Who, we wonder, longs to see Mr. Clean and the Charmin Bear breathing the same air? Along those lines, who asked for a universe in which Mr. Peanut kills himself in an act of self-sacrifice, only to be resurrected as a baby by the tears of the Kool-Aid Man? In a roundabout way, these ads are aligned with Sabra’s, in that they’re both angling to spawn online discussion. Where Sabra is using blunt-force tactics, however, Proctor & Gamble is aiming for something more organic. Unfortunately, it’s also baldly trying to capitalize on the rise of Baby Yoda, and the response hasn’t been kind. Sure, Boda is as much a commerce-driven character as Baby Nut, but at least its first order of business is to entertain. (It’s also just way cuter.)

Of course, not all is lost. A few of the evening’s spots stuck out as imaginative and amusing. Let’s wash the filthy taste of craven consumerism out of our mouths, at least momentarily, to celebrate a few of those.

(If you’re wondering where the tear-jerking Google ad is, we’ll direct you to this tweet.)

Best concept: Cheetos

MC Hammer’s “U Can’t Touch This” turns 30 years old this year, and Cheetos, bless them, proved the iconic track still has some juice. In what was by far the evening’s best ad, the spot spoke to all fans of cheese-flavored corn-based snacks by showing how “cheese fingers” can be a handy way of absolving oneself from unsavory tasks, such as helping someone move or holding a baby. Meanwhile, some very Adult Swim-esque CGI ushers Hammer’s disembodied head into the frame to sing his signature phrase. Finally, a marriage between celebrity and concept that also triggers the nostalgia sensors in a novel way.

Best nostalgia grab: Jeep

This spoof of Groundhog Day, perhaps one of the most-spoofed movies in history, works only because Jeep actually got Bill Murray. The concept itself is nonsense—Murray’s new Jeep makes his looped day less boring?—but Murray looks like he’s genuinely having fun with his furry friend, which, bonus, doesn’t die in a fiery car crash.
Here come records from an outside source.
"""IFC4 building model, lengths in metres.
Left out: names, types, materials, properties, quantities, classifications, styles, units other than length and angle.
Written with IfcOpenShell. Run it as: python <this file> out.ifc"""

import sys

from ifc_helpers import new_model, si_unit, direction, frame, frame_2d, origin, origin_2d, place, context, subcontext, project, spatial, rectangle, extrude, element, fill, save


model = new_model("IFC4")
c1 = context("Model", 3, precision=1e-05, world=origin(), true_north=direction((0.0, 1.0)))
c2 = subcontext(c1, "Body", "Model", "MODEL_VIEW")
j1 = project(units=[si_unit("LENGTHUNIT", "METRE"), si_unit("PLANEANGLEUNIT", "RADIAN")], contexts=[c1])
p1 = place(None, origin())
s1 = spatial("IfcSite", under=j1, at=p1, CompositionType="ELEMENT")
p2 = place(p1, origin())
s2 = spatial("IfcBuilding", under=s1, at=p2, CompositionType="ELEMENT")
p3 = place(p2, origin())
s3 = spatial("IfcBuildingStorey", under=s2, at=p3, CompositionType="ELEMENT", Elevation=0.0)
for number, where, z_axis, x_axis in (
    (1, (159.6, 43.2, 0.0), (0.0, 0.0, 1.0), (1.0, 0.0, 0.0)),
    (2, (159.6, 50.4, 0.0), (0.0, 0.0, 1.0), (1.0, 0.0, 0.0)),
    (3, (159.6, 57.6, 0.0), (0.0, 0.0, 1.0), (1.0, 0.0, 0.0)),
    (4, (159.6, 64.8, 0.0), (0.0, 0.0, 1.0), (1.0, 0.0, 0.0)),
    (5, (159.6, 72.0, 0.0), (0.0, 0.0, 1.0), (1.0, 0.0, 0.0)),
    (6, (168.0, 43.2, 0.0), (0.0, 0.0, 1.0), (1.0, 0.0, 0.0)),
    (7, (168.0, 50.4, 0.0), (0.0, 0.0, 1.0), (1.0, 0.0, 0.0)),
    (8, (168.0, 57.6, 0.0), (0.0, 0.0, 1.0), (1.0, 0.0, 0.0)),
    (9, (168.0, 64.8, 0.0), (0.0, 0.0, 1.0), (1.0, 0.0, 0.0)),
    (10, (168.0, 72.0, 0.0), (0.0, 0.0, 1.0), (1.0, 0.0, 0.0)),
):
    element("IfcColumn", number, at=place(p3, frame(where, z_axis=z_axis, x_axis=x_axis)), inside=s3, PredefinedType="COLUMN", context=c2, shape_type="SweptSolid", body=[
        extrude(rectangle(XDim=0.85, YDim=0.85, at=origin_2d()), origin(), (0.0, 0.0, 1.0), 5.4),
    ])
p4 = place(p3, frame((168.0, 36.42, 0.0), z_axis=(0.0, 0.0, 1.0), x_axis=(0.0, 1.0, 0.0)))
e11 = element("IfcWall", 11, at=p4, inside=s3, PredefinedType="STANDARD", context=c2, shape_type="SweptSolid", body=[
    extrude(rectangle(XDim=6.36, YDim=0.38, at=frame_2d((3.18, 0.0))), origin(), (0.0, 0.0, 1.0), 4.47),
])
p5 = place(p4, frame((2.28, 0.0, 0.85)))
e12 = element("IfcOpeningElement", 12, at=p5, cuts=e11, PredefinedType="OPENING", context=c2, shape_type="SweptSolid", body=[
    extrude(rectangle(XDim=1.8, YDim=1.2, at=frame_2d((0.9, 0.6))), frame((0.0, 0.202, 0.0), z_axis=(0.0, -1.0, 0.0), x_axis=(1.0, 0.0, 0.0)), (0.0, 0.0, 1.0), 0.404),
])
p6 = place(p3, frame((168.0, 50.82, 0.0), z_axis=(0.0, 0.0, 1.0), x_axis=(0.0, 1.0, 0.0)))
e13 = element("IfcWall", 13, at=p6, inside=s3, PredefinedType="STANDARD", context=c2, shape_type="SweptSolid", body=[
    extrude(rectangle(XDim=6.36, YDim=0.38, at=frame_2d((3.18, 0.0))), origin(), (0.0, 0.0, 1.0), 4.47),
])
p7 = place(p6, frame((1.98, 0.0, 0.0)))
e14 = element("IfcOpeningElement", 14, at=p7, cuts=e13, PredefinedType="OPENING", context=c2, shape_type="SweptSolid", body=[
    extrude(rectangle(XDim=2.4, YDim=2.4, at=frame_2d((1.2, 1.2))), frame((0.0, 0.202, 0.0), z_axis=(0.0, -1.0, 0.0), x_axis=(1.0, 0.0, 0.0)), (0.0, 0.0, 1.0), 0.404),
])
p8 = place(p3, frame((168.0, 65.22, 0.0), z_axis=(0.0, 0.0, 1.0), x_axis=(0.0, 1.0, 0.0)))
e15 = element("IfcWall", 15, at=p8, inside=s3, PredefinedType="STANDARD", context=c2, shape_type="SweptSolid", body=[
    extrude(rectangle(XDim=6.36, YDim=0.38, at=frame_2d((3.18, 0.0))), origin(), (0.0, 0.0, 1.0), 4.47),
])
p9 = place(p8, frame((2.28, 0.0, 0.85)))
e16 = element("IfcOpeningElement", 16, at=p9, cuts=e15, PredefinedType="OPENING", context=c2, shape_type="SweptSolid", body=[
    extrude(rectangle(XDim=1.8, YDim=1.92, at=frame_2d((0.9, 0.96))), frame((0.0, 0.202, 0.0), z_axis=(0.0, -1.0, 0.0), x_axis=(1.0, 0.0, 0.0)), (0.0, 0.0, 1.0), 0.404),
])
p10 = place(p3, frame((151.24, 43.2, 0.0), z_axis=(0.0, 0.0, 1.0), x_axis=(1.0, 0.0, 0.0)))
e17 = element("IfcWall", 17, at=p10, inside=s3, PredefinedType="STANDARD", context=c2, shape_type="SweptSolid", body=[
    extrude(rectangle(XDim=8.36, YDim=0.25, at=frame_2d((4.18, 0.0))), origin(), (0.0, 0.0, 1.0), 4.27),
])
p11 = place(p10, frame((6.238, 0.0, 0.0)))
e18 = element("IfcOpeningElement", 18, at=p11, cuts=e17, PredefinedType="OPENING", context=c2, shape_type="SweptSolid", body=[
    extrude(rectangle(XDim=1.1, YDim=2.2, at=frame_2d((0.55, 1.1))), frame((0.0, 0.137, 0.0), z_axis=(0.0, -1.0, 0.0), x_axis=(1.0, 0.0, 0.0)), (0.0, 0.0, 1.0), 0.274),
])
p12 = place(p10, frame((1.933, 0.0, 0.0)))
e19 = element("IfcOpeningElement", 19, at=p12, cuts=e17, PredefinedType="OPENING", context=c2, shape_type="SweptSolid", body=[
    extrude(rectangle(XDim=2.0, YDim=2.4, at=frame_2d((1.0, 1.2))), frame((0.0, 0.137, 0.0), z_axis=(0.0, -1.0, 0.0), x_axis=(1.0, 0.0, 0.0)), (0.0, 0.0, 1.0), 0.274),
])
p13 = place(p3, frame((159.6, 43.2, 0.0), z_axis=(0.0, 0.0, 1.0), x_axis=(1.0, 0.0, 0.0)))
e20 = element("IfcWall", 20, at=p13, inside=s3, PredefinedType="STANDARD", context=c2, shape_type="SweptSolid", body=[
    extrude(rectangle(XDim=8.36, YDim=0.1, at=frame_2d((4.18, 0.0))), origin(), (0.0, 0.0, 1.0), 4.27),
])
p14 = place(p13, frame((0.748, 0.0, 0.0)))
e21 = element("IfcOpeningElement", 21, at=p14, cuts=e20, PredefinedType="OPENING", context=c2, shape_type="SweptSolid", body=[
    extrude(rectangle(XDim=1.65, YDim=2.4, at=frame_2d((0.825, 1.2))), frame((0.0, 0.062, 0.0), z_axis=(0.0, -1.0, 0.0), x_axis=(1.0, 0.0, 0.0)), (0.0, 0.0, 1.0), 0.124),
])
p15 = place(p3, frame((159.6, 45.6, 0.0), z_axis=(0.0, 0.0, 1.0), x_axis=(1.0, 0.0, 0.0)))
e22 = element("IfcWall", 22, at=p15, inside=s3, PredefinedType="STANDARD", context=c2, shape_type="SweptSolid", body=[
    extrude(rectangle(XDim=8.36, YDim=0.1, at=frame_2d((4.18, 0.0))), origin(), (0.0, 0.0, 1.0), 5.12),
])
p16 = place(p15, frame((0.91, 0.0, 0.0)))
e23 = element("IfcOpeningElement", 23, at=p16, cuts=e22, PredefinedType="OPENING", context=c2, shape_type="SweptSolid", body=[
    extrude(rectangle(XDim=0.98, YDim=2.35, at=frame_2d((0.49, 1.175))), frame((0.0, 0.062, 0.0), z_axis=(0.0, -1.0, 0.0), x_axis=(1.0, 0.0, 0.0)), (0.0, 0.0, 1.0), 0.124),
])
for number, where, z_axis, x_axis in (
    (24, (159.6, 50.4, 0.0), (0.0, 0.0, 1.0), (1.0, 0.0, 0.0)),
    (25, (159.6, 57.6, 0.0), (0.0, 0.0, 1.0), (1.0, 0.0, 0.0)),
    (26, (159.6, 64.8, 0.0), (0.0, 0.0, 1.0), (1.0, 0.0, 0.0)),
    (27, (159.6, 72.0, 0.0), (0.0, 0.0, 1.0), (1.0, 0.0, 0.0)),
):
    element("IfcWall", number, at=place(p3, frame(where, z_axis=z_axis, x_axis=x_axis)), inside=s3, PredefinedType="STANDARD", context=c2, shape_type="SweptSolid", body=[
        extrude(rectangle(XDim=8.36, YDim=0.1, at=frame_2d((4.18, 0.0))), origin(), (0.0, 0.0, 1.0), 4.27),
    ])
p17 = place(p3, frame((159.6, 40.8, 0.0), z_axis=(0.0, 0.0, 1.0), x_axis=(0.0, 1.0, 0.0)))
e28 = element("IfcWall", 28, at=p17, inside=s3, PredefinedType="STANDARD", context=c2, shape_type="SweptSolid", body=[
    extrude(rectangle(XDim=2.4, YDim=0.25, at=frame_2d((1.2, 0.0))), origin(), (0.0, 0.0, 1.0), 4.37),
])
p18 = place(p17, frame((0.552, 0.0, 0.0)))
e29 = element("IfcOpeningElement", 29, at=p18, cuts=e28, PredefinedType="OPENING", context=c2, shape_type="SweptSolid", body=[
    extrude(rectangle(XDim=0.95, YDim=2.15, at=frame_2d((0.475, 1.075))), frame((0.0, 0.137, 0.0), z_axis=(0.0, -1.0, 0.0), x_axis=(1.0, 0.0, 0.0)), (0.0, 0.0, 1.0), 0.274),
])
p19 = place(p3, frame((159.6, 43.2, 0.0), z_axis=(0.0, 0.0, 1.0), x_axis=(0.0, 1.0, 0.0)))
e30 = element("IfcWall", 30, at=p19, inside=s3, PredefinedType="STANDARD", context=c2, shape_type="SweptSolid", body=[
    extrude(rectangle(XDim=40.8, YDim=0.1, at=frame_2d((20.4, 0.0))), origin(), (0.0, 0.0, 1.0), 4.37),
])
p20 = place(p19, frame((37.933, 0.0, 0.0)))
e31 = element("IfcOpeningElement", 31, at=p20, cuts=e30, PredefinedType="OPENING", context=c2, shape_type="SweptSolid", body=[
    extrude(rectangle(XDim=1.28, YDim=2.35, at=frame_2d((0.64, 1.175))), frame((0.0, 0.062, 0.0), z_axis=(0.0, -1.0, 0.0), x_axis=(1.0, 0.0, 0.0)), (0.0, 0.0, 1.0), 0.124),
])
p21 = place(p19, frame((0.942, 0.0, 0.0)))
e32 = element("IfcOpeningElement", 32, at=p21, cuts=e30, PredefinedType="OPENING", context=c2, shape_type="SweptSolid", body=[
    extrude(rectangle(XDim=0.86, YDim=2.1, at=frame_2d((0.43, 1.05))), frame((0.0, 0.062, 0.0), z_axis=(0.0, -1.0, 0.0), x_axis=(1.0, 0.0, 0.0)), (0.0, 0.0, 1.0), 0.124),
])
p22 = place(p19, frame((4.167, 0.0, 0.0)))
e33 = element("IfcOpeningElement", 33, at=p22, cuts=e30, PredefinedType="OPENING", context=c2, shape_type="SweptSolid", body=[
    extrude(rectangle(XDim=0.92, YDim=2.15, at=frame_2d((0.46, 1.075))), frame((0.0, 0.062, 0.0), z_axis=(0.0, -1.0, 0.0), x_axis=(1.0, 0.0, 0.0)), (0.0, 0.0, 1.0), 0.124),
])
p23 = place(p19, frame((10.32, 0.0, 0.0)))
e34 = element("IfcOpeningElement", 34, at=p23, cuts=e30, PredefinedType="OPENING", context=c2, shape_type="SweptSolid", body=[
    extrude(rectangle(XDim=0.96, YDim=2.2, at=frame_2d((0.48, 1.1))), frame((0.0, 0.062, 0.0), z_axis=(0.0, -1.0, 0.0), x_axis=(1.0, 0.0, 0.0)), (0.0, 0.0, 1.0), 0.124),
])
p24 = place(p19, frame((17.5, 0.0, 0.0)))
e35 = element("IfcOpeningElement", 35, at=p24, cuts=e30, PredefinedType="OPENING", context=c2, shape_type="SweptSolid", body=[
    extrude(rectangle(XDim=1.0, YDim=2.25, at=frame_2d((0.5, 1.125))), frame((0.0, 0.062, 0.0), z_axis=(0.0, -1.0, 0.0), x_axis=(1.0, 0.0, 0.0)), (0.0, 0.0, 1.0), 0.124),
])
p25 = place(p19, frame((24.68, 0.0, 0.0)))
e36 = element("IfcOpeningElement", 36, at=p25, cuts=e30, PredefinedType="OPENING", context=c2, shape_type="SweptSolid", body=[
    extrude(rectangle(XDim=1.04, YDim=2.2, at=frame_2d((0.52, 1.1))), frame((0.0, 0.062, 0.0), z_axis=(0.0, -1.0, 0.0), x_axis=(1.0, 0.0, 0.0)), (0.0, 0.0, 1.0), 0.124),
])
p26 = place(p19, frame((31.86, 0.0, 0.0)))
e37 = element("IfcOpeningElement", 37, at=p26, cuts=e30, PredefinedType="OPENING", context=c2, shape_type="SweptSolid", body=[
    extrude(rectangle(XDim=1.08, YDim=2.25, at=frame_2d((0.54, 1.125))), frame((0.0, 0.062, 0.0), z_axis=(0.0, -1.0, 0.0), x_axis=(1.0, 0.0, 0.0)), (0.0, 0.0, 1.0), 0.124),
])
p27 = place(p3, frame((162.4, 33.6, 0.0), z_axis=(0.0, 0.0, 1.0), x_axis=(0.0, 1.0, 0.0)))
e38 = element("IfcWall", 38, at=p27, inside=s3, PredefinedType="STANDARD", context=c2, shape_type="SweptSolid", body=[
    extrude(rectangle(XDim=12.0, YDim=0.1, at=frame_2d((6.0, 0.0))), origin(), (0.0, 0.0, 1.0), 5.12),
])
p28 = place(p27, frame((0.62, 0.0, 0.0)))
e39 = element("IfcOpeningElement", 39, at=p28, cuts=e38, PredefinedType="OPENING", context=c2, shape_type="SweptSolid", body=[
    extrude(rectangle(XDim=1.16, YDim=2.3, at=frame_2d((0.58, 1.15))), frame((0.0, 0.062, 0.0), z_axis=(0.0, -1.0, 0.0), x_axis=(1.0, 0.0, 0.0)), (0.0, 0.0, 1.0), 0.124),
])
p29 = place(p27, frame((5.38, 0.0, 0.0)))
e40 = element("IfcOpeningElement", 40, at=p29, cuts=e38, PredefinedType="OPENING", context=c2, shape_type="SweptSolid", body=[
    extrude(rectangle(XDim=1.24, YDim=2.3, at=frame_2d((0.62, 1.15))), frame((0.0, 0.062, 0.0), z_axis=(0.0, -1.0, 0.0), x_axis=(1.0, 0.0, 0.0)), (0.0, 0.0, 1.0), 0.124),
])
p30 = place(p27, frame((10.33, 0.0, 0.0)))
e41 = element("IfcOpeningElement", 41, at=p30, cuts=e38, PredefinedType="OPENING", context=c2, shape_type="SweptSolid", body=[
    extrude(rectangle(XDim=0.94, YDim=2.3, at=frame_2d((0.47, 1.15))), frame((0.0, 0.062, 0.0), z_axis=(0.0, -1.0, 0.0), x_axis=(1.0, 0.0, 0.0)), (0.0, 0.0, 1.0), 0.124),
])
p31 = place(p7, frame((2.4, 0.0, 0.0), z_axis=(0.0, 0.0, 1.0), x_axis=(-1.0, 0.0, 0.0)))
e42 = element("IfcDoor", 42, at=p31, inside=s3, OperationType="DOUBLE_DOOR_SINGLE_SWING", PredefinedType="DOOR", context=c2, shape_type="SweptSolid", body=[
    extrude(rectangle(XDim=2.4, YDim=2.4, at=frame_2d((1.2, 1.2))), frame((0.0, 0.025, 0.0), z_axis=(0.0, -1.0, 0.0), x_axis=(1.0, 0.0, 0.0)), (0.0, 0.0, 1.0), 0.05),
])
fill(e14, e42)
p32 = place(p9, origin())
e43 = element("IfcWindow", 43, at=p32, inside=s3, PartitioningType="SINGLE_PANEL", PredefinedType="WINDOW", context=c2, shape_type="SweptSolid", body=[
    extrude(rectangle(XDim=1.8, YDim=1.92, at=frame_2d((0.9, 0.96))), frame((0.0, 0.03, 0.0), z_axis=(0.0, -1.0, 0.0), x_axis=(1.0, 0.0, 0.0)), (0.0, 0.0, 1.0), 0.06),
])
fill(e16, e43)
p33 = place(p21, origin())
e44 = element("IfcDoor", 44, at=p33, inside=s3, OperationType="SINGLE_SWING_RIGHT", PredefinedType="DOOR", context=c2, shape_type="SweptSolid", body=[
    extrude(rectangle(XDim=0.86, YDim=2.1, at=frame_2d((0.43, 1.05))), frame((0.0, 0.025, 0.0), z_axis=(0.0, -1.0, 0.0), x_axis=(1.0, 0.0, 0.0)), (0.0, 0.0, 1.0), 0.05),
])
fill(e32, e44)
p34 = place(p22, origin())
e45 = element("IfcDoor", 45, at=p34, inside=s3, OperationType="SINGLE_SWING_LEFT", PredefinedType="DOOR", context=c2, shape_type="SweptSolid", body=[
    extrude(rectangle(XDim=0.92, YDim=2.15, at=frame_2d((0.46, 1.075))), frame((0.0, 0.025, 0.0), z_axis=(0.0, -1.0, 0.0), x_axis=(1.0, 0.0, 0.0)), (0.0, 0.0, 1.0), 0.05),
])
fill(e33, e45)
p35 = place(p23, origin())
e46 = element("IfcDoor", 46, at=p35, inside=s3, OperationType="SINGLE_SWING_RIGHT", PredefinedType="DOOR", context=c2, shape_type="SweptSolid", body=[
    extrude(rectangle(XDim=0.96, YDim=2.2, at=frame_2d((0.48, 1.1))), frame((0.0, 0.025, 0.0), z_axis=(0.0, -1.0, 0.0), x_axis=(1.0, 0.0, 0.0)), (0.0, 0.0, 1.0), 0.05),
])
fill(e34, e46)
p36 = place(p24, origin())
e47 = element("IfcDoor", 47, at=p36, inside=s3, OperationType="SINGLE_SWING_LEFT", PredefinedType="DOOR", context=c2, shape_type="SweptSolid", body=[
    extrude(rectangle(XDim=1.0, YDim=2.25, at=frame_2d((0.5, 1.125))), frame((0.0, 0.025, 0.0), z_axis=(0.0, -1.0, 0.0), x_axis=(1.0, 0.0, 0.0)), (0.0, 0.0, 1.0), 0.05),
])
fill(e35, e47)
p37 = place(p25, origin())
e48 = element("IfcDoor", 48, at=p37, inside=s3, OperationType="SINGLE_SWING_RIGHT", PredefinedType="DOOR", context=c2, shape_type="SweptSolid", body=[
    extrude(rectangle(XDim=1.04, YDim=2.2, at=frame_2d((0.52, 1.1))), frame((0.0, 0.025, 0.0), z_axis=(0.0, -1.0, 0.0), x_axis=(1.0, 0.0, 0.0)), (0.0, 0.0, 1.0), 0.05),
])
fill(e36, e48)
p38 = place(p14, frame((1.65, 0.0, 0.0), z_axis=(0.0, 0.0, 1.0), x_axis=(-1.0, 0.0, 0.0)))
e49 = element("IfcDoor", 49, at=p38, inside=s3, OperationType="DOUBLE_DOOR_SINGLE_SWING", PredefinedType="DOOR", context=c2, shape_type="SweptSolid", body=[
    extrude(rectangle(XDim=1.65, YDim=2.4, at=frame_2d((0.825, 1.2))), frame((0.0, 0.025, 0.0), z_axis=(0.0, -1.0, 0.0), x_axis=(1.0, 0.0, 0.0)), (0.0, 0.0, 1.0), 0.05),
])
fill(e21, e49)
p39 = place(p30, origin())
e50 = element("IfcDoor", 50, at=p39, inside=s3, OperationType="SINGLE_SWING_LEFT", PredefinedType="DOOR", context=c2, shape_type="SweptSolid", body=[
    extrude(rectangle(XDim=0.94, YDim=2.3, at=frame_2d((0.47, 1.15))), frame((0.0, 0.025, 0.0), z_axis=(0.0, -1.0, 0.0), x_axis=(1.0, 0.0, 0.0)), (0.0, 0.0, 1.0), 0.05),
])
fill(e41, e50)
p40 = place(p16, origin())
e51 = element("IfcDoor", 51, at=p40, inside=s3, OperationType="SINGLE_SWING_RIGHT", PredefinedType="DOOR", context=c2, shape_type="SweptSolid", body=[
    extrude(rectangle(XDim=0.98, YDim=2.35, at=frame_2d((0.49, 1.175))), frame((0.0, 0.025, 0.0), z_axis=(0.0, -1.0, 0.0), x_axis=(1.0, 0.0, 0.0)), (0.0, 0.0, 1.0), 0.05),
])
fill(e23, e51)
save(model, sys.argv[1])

Best celebrity mishmash: Hyundai

This might be the hackiest premise ever—some Boston locals adopt overdone Bahston accents to talk about a car’s “Smaht Pahk” feature—but it helps when you’ve got John Krasinski, Chris Evans, and Rachel Dratch (and David Ortiz), Boston-area natives who are also beloved in the pop cultural sphere. A contrast to the overstuffed air of many of the night’s ads, the actors exude an easygoing attitude that actually serves the advertised feature, which actually needs a little unpacking. Plus: It’s fun to read what Boston natives think about it.

Best juxtaposition: Doritos

Sam Elliott and Lil Nas X don’t seem like natural bedfellows, but there’s something truly inspired about filtering the words of the rapper’s viral rap-country hit through the mouth of Hollywood’s most authentic cowboy. This is a perfect blend of concept and talent—even if we have no clue what the hell it has to do with Doritos.

Best conversation starter: Rocket Mortgage

If you want people to talk about your brand, gross them the fuck out. Rocket Mortgage embraced the uncanny valley and the queasy feelings it offers in the above ad, which we’d rather not recount lest it imprint itself deeper into our subconscious. Just know that it involves Jason Momoa’s beefy face being eerily superimposed onto a thin, spindly body. It is profane and kind of genius.